Reading has always been vital to me. Like so many here, I spent a huge amount of time in trouble at school for reading. In kindergarten, my teacher confiscated my Lord of the Rings books and refused to concede that I could read them. My mother got them back by promising that I wouldn't read at school any more (yes, she was being ironic). I did grow more adept at hiding books after that. I also remember getting in huge trouble for reading Lady Chatterley's Lover in the fifth grade.

Thankfully, school did not kill my love of reading. It tried, though. I absolutely agree with the pps who said that students should have freedom to choose their books. There is an near infinite number of good books out there. For a bright 14 year old boy, Ender's Game is probably far more relevant than The Scarlet Letter. This is a large part of the reason our children are unschoolers. My oldest daughter is almost seven and is an equally voracious reader. I had a weird feeling of deja vu when, right after her third birthday, she demonstrated that she was a fluent reader. She reads everything from classics to candy and back again. My youngest is just starting her reading journey, but she loves to listen to us read aloud.

I read every day, both alone and with my kids.
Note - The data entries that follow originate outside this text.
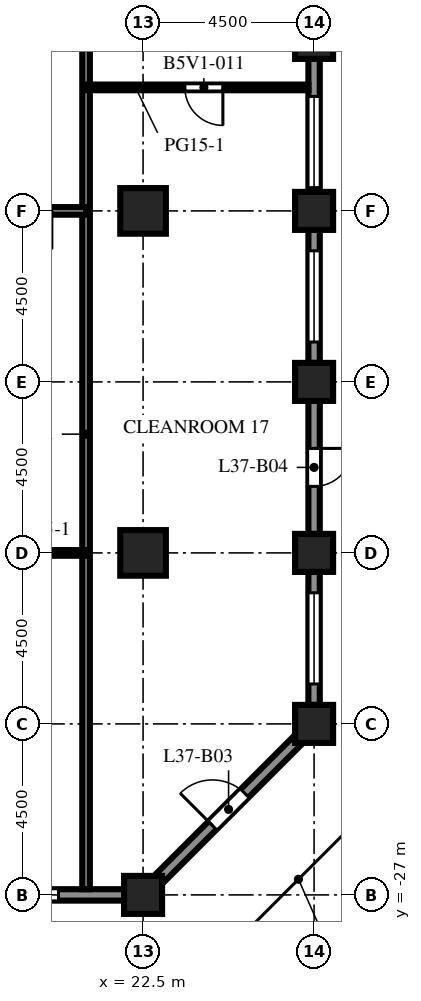
"""IFC4 building model, lengths in metres.
Left out: names, types, materials, properties, quantities, classifications, styles, units other than length and angle.
Written with IfcOpenShell. Run it as: python <this file> out.ifc"""

import sys

from ifc_helpers import new_model, si_unit, direction, frame, frame_2d, origin, origin_2d, place, context, subcontext, project, spatial, rectangle, extrude, element, fill, save


model = new_model("IFC4")
c1 = context("Model", 3, precision=1e-05, world=origin(), true_north=direction((0.0, 1.0)))
c2 = subcontext(c1, "Body", "Model", "MODEL_VIEW")
j1 = project(units=[si_unit("LENGTHUNIT", "METRE"), si_unit("PLANEANGLEUNIT", "RADIAN")], contexts=[c1])
p1 = place(None, origin())
s1 = spatial("IfcSite", under=j1, at=p1, CompositionType="ELEMENT")
p2 = place(p1, origin())
s2 = spatial("IfcBuilding", under=s1, at=p2, CompositionType="ELEMENT")
p3 = place(p2, frame((0.0, 0.0, 165.0)))
s3 = spatial("IfcBuildingStorey", under=s2, at=p3, CompositionType="ELEMENT", Elevation=165.0)
for number, where, z_axis, x_axis in (
    (1, (22.5, -27.0, 0.0), (0.0, 0.0, 1.0), (1.0, 0.0, 0.0)),
    (2, (27.0, -22.5, 0.0), (0.0, 0.0, 1.0), (1.0, 0.0, 0.0)),
    (3, (27.0, -18.0, 0.0), (0.0, 0.0, 1.0), (1.0, 0.0, 0.0)),
    (4, (27.0, -13.5, 0.0), (0.0, 0.0, 1.0), (1.0, 0.0, 0.0)),
    (5, (27.0, -9.0, 0.0), (0.0, 0.0, 1.0), (1.0, 0.0, 0.0)),
    (6, (27.0, -4.5, 0.0), (0.0, 0.0, 1.0), (1.0, 0.0, 0.0)),
):
    element("IfcColumn", number, at=place(p3, frame(where, z_axis=z_axis, x_axis=x_axis)), inside=s3, PredefinedType="COLUMN", context=c2, shape_type="SweptSolid", body=[
        extrude(rectangle(XDim=1.0, YDim=1.0, at=origin_2d()), origin(), (0.0, 0.0, 1.0), 4.1),
    ])
for number, where, z_axis, x_axis in (
    (7, (22.5, -18.0, 0.0), (0.0, 0.0, 1.0), (1.0, 0.0, 0.0)),
    (8, (22.5, -9.0, 0.0), (0.0, 0.0, 1.0), (1.0, 0.0, 0.0)),
):
    element("IfcColumn", number, at=place(p3, frame(where, z_axis=z_axis, x_axis=x_axis)), inside=s3, PredefinedType="COLUMN", context=c2, shape_type="SweptSolid", body=[
        extrude(rectangle(XDim=1.2, YDim=1.2, at=origin_2d()), origin(), (0.0, 0.0, 1.0), 4.1),
    ])
p4 = place(p3, frame((22.0, -27.0, 0.0), z_axis=(0.0, 0.0, 1.0), x_axis=(-1.0, 0.0, 0.0)))
e9 = element("IfcWall", 9, at=p4, inside=s3, PredefinedType="SOLIDWALL", context=c2, shape_type="SweptSolid", body=[
    extrude(rectangle(XDim=3.5, YDim=0.3, at=frame_2d((1.75, 0.0))), origin(), (0.0, 0.0, 1.0), 2.85),
])
p5 = place(p4, frame((1.725, 0.0, 0.8)))
e10 = element("IfcOpeningElement", 10, at=p5, cuts=e9, PredefinedType="OPENING", context=c2, shape_type="SweptSolid", body=[
    extrude(rectangle(XDim=1.2, YDim=1.7, at=frame_2d((0.6, 0.85))), frame((0.0, 0.16, 0.0), z_axis=(0.0, -1.0, 0.0), x_axis=(1.0, 0.0, 0.0)), (0.0, 0.0, 1.0), 0.32),
])
p6 = place(p3, frame((26.606, -22.894, 0.0), z_axis=(0.0, 0.0, 1.0), x_axis=(-0.707106781187, -0.707106781187, 0.0)))
e11 = element("IfcWall", 11, at=p6, inside=s3, PredefinedType="SOLIDWALL", context=c2, shape_type="SweptSolid", body=[
    extrude(rectangle(XDim=5.25, YDim=0.3, at=frame_2d((2.625, 0.0))), origin(), (0.0, 0.0, 1.0), 2.85),
])
p7 = place(p6, frame((2.025, 0.0, 0.0)))
e12 = element("IfcOpeningElement", 12, at=p7, cuts=e11, PredefinedType="OPENING", context=c2, shape_type="SweptSolid", body=[
    extrude(rectangle(XDim=1.2, YDim=2.2, at=frame_2d((0.6, 1.1))), frame((0.0, 0.16, 0.0), z_axis=(0.0, -1.0, 0.0), x_axis=(1.0, 0.0, 0.0)), (0.0, 0.0, 1.0), 0.32),
])
p8 = place(p3, frame((27.0, -18.5, 0.0), z_axis=(0.0, 0.0, 1.0), x_axis=(0.0, -1.0, 0.0)))
e13 = element("IfcWall", 13, at=p8, inside=s3, PredefinedType="SOLIDWALL", context=c2, shape_type="SweptSolid", body=[
    extrude(rectangle(XDim=3.5, YDim=0.3, at=frame_2d((1.75, 0.0))), origin(), (0.0, 0.0, 1.0), 2.85),
])
p9 = place(p8, frame((0.55, 0.0, 0.8)))
e14 = element("IfcOpeningElement", 14, at=p9, cuts=e13, PredefinedType="OPENING", context=c2, shape_type="SweptSolid", body=[
    extrude(rectangle(XDim=2.4, YDim=1.7, at=frame_2d((1.2, 0.85))), frame((0.0, 0.16, 0.0), z_axis=(0.0, -1.0, 0.0), x_axis=(1.0, 0.0, 0.0)), (0.0, 0.0, 1.0), 0.32),
])
p10 = place(p3, frame((27.0, -14.0, 0.0), z_axis=(0.0, 0.0, 1.0), x_axis=(0.0, -1.0, 0.0)))
e15 = element("IfcWall", 15, at=p10, inside=s3, PredefinedType="SOLIDWALL", context=c2, shape_type="SweptSolid", body=[
    extrude(rectangle(XDim=3.5, YDim=0.3, at=frame_2d((1.75, 0.0))), origin(), (0.0, 0.0, 1.0), 2.85),
])
p11 = place(p10, frame((1.25, 0.0, 0.0)))
e16 = element("IfcOpeningElement", 16, at=p11, cuts=e15, PredefinedType="OPENING", context=c2, shape_type="SweptSolid", body=[
    extrude(rectangle(XDim=1.0, YDim=2.2, at=frame_2d((0.5, 1.1))), frame((0.0, 0.16, 0.0), z_axis=(0.0, -1.0, 0.0), x_axis=(1.0, 0.0, 0.0)), (0.0, 0.0, 1.0), 0.32),
])
p12 = place(p3, frame((27.0, -9.5, 0.0), z_axis=(0.0, 0.0, 1.0), x_axis=(0.0, -1.0, 0.0)))
e17 = element("IfcWall", 17, at=p12, inside=s3, PredefinedType="SOLIDWALL", context=c2, shape_type="SweptSolid", body=[
    extrude(rectangle(XDim=3.5, YDim=0.3, at=frame_2d((1.75, 0.0))), origin(), (0.0, 0.0, 1.0), 2.85),
])
p13 = place(p12, frame((0.55, 0.0, 0.8)))
e18 = element("IfcOpeningElement", 18, at=p13, cuts=e17, PredefinedType="OPENING", context=c2, shape_type="SweptSolid", body=[
    extrude(rectangle(XDim=2.4, YDim=1.7, at=frame_2d((1.2, 0.85))), frame((0.0, 0.16, 0.0), z_axis=(0.0, -1.0, 0.0), x_axis=(1.0, 0.0, 0.0)), (0.0, 0.0, 1.0), 0.32),
])
p14 = place(p3, frame((27.0, -5.0, 0.0), z_axis=(0.0, 0.0, 1.0), x_axis=(0.0, -1.0, 0.0)))
e19 = element("IfcWall", 19, at=p14, inside=s3, PredefinedType="SOLIDWALL", context=c2, shape_type="SweptSolid", body=[
    extrude(rectangle(XDim=3.5, YDim=0.3, at=frame_2d((1.75, 0.0))), origin(), (0.0, 0.0, 1.0), 2.85),
])
p15 = place(p14, frame((0.988, 0.0, 0.8)))
e20 = element("IfcOpeningElement", 20, at=p15, cuts=e19, PredefinedType="OPENING", context=c2, shape_type="SweptSolid", body=[
    extrude(rectangle(XDim=2.4, YDim=1.7, at=frame_2d((1.2, 0.85))), frame((0.0, 0.16, 0.0), z_axis=(0.0, -1.0, 0.0), x_axis=(1.0, 0.0, 0.0)), (0.0, 0.0, 1.0), 0.32),
])
p16 = place(p3, frame((21.0, 3.25, 0.0), z_axis=(0.0, 0.0, 1.0), x_axis=(0.0, -1.0, 0.0)))
e21 = element("IfcWall", 21, at=p16, inside=s3, PredefinedType="PARTITIONING", context=c2, shape_type="SweptSolid", body=[
    extrude(rectangle(XDim=30.1, YDim=0.2, at=frame_2d((15.05, 0.0))), origin(), (0.0, 0.0, 1.0), 3.65),
])
p17 = place(p16, frame((5.15, 0.0, 0.0)))
e22 = element("IfcOpeningElement", 22, at=p17, cuts=e21, PredefinedType="OPENING", context=c2, shape_type="SweptSolid", body=[
    extrude(rectangle(XDim=1.0, YDim=2.1, at=frame_2d((0.5, 1.05))), frame((0.0, 0.11, 0.0), z_axis=(0.0, -1.0, 0.0), x_axis=(1.0, 0.0, 0.0)), (0.0, 0.0, 1.0), 0.22),
])
p18 = place(p3, frame((18.6, -18.0, 0.0), z_axis=(0.0, 0.0, 1.0), x_axis=(1.0, 0.0, 0.0)))
e23 = element("IfcWall", 23, at=p18, inside=s3, PredefinedType="PARTITIONING", context=c2, shape_type="SweptSolid", body=[
    extrude(rectangle(XDim=2.4, YDim=0.15, at=frame_2d((1.2, 0.0))), origin(), (0.0, 0.0, 1.0), 3.65),
])
p19 = place(p3, frame((21.0, -9.0, 0.0), z_axis=(0.0, 0.0, 1.0), x_axis=(-1.0, 0.0, 0.0)))
e24 = element("IfcWall", 24, at=p19, inside=s3, PredefinedType="PARTITIONING", context=c2, shape_type="SweptSolid", body=[
    extrude(rectangle(XDim=3.0, YDim=0.2, at=frame_2d((1.5, 0.0))), origin(), (0.0, 0.0, 1.0), 3.65),
])
p20 = place(p19, frame((0.9, 0.0, 0.0)))
e25 = element("IfcOpeningElement", 25, at=p20, cuts=e24, PredefinedType="OPENING", context=c2, shape_type="SweptSolid", body=[
    extrude(rectangle(XDim=1.0, YDim=2.1, at=frame_2d((0.5, 1.05))), frame((0.0, 0.11, 0.0), z_axis=(0.0, -1.0, 0.0), x_axis=(1.0, 0.0, 0.0)), (0.0, 0.0, 1.0), 0.22),
])
p21 = place(p3, frame((26.85, -5.75, 0.0), z_axis=(0.0, 0.0, 1.0), x_axis=(-1.0, 0.0, 0.0)))
e26 = element("IfcWall", 26, at=p21, inside=s3, PredefinedType="PARTITIONING", context=c2, shape_type="SweptSolid", body=[
    extrude(rectangle(XDim=5.85, YDim=0.15, at=frame_2d((2.925, 0.0))), origin(), (0.0, 0.0, 1.0), 3.65),
])
p22 = place(p21, frame((2.25, 0.0, 0.0)))
e27 = element("IfcOpeningElement", 27, at=p22, cuts=e26, PredefinedType="OPENING", context=c2, shape_type="SweptSolid", body=[
    extrude(rectangle(XDim=1.0, YDim=2.1, at=frame_2d((0.5, 1.05))), frame((0.0, 0.085, 0.0), z_axis=(0.0, -1.0, 0.0), x_axis=(1.0, 0.0, 0.0)), (0.0, 0.0, 1.0), 0.17),
])
p23 = place(p5, origin())
e28 = element("IfcWindow", 28, at=p23, inside=s3, PartitioningType="SINGLE_PANEL", PredefinedType="WINDOW", context=c2, shape_type="SweptSolid", body=[
    extrude(rectangle(XDim=1.2, YDim=1.7, at=frame_2d((0.6, 0.85))), frame((0.0, 0.03, 0.0), z_axis=(0.0, -1.0, 0.0), x_axis=(1.0, 0.0, 0.0)), (0.0, 0.0, 1.0), 0.06),
])
fill(e10, e28)
p24 = place(p7, origin())
e29 = element("IfcDoor", 29, at=p24, inside=s3, OperationType="SINGLE_SWING_RIGHT", PredefinedType="DOOR", context=c2, shape_type="SweptSolid", body=[
    extrude(rectangle(XDim=1.2, YDim=2.2, at=frame_2d((0.6, 1.1))), frame((0.0, 0.025, 0.0), z_axis=(0.0, -1.0, 0.0), x_axis=(1.0, 0.0, 0.0)), (0.0, 0.0, 1.0), 0.05),
])
fill(e12, e29)
p25 = place(p9, origin())
e30 = element("IfcWindow", 30, at=p25, inside=s3, PartitioningType="SINGLE_PANEL", PredefinedType="WINDOW", context=c2, shape_type="SweptSolid", body=[
    extrude(rectangle(XDim=2.4, YDim=1.7, at=frame_2d((1.2, 0.85))), frame((0.0, 0.03, 0.0), z_axis=(0.0, -1.0, 0.0), x_axis=(1.0, 0.0, 0.0)), (0.0, 0.0, 1.0), 0.06),
])
fill(e14, e30)
p26 = place(p11, origin())
e31 = element("IfcDoor", 31, at=p26, inside=s3, OperationType="SINGLE_SWING_LEFT", PredefinedType="DOOR", context=c2, shape_type="SweptSolid", body=[
    extrude(rectangle(XDim=1.0, YDim=2.2, at=frame_2d((0.5, 1.1))), frame((0.0, 0.025, 0.0), z_axis=(0.0, -1.0, 0.0), x_axis=(1.0, 0.0, 0.0)), (0.0, 0.0, 1.0), 0.05),
])
fill(e16, e31)
p27 = place(p13, origin())
e32 = element("IfcWindow", 32, at=p27, inside=s3, PartitioningType="SINGLE_PANEL", PredefinedType="WINDOW", context=c2, shape_type="SweptSolid", body=[
    extrude(rectangle(XDim=2.4, YDim=1.7, at=frame_2d((1.2, 0.85))), frame((0.0, 0.03, 0.0), z_axis=(0.0, -1.0, 0.0), x_axis=(1.0, 0.0, 0.0)), (0.0, 0.0, 1.0), 0.06),
])
fill(e18, e32)
p28 = place(p15, origin())
e33 = element("IfcWindow", 33, at=p28, inside=s3, PartitioningType="SINGLE_PANEL", PredefinedType="WINDOW", context=c2, shape_type="SweptSolid", body=[
    extrude(rectangle(XDim=2.4, YDim=1.7, at=frame_2d((1.2, 0.85))), frame((0.0, 0.03, 0.0), z_axis=(0.0, -1.0, 0.0), x_axis=(1.0, 0.0, 0.0)), (0.0, 0.0, 1.0), 0.06),
])
fill(e20, e33)
p29 = place(p22, origin())
e34 = element("IfcDoor", 34, at=p29, inside=s3, OperationType="SINGLE_SWING_LEFT", PredefinedType="DOOR", context=c2, shape_type="SweptSolid", body=[
    extrude(rectangle(XDim=1.0, YDim=2.1, at=frame_2d((0.5, 1.05))), frame((0.0, 0.025, 0.0), z_axis=(0.0, -1.0, 0.0), x_axis=(1.0, 0.0, 0.0)), (0.0, 0.0, 1.0), 0.05),
])
fill(e27, e34)
save(model, sys.argv[1])

I'm another who will read the cereal box if there's nothing else.


----------



## KMA (Mar 11, 2009)

btw, CegAbq (#2880), I love your avatar!


----------



## JetJammer (Jan 18, 2009)

My mother insists that, where other kids had a stuffed toy or a blanket as a *comfort* item, mine was always a book.  I didn't go to sleep, eat, or anything without carrying a book around with me.  I insisted on reading it myself as well, never did have the patience to let anyone else read it to me.  I guess I made up my own stories from the pictures until I was old enough to start understanding the words, which was well before I started school.

It was family tradition to visit the library every Saturday as far back as I can remember.  I literally read every book in the childrens section (probably a lot smaller in those days than they are now).  I still remember the childrens' librarian taking me out into the "real" library to help me find something to read.

A lot of decades later, I still never go anywhere without a book.  Some habits are hard to break   !


----------



## Leslie (Apr 7, 2008)

I remember wanting to learn to read and begged my mother to teach me, but she didn't -- only because she didn't know how, not because she was being mean. I started nursery school when I was 3 but all we did was paste and play games. They didn't teach us the alphabet or anything. I learned to read in first grade and once I got started, there was no stopping me.

Sesame Street came on TV when I was about 11 or 12. I remember thinking that I wished it had been on when I was little -- if I had learned my letters, I would have taught myself to read, I know this. Oh well.

L


----------



## drenee (Nov 11, 2008)

purdueav8r said:


> I love reading so much that I absolutely cannot stand to be without a book to read at all times. If I don't have a book to read, I feel lost and at odds. It's an escape, relaxation, a vacation, a journey, a way to make new acquaintances, and a lesson all at the same time. It's the mental engagement, the interplay of words on a page, be it a paper or electronic page. I would be bereft without books. They have been such an integral and constant part of my life from such a very young age. Books are a huge part of who I am.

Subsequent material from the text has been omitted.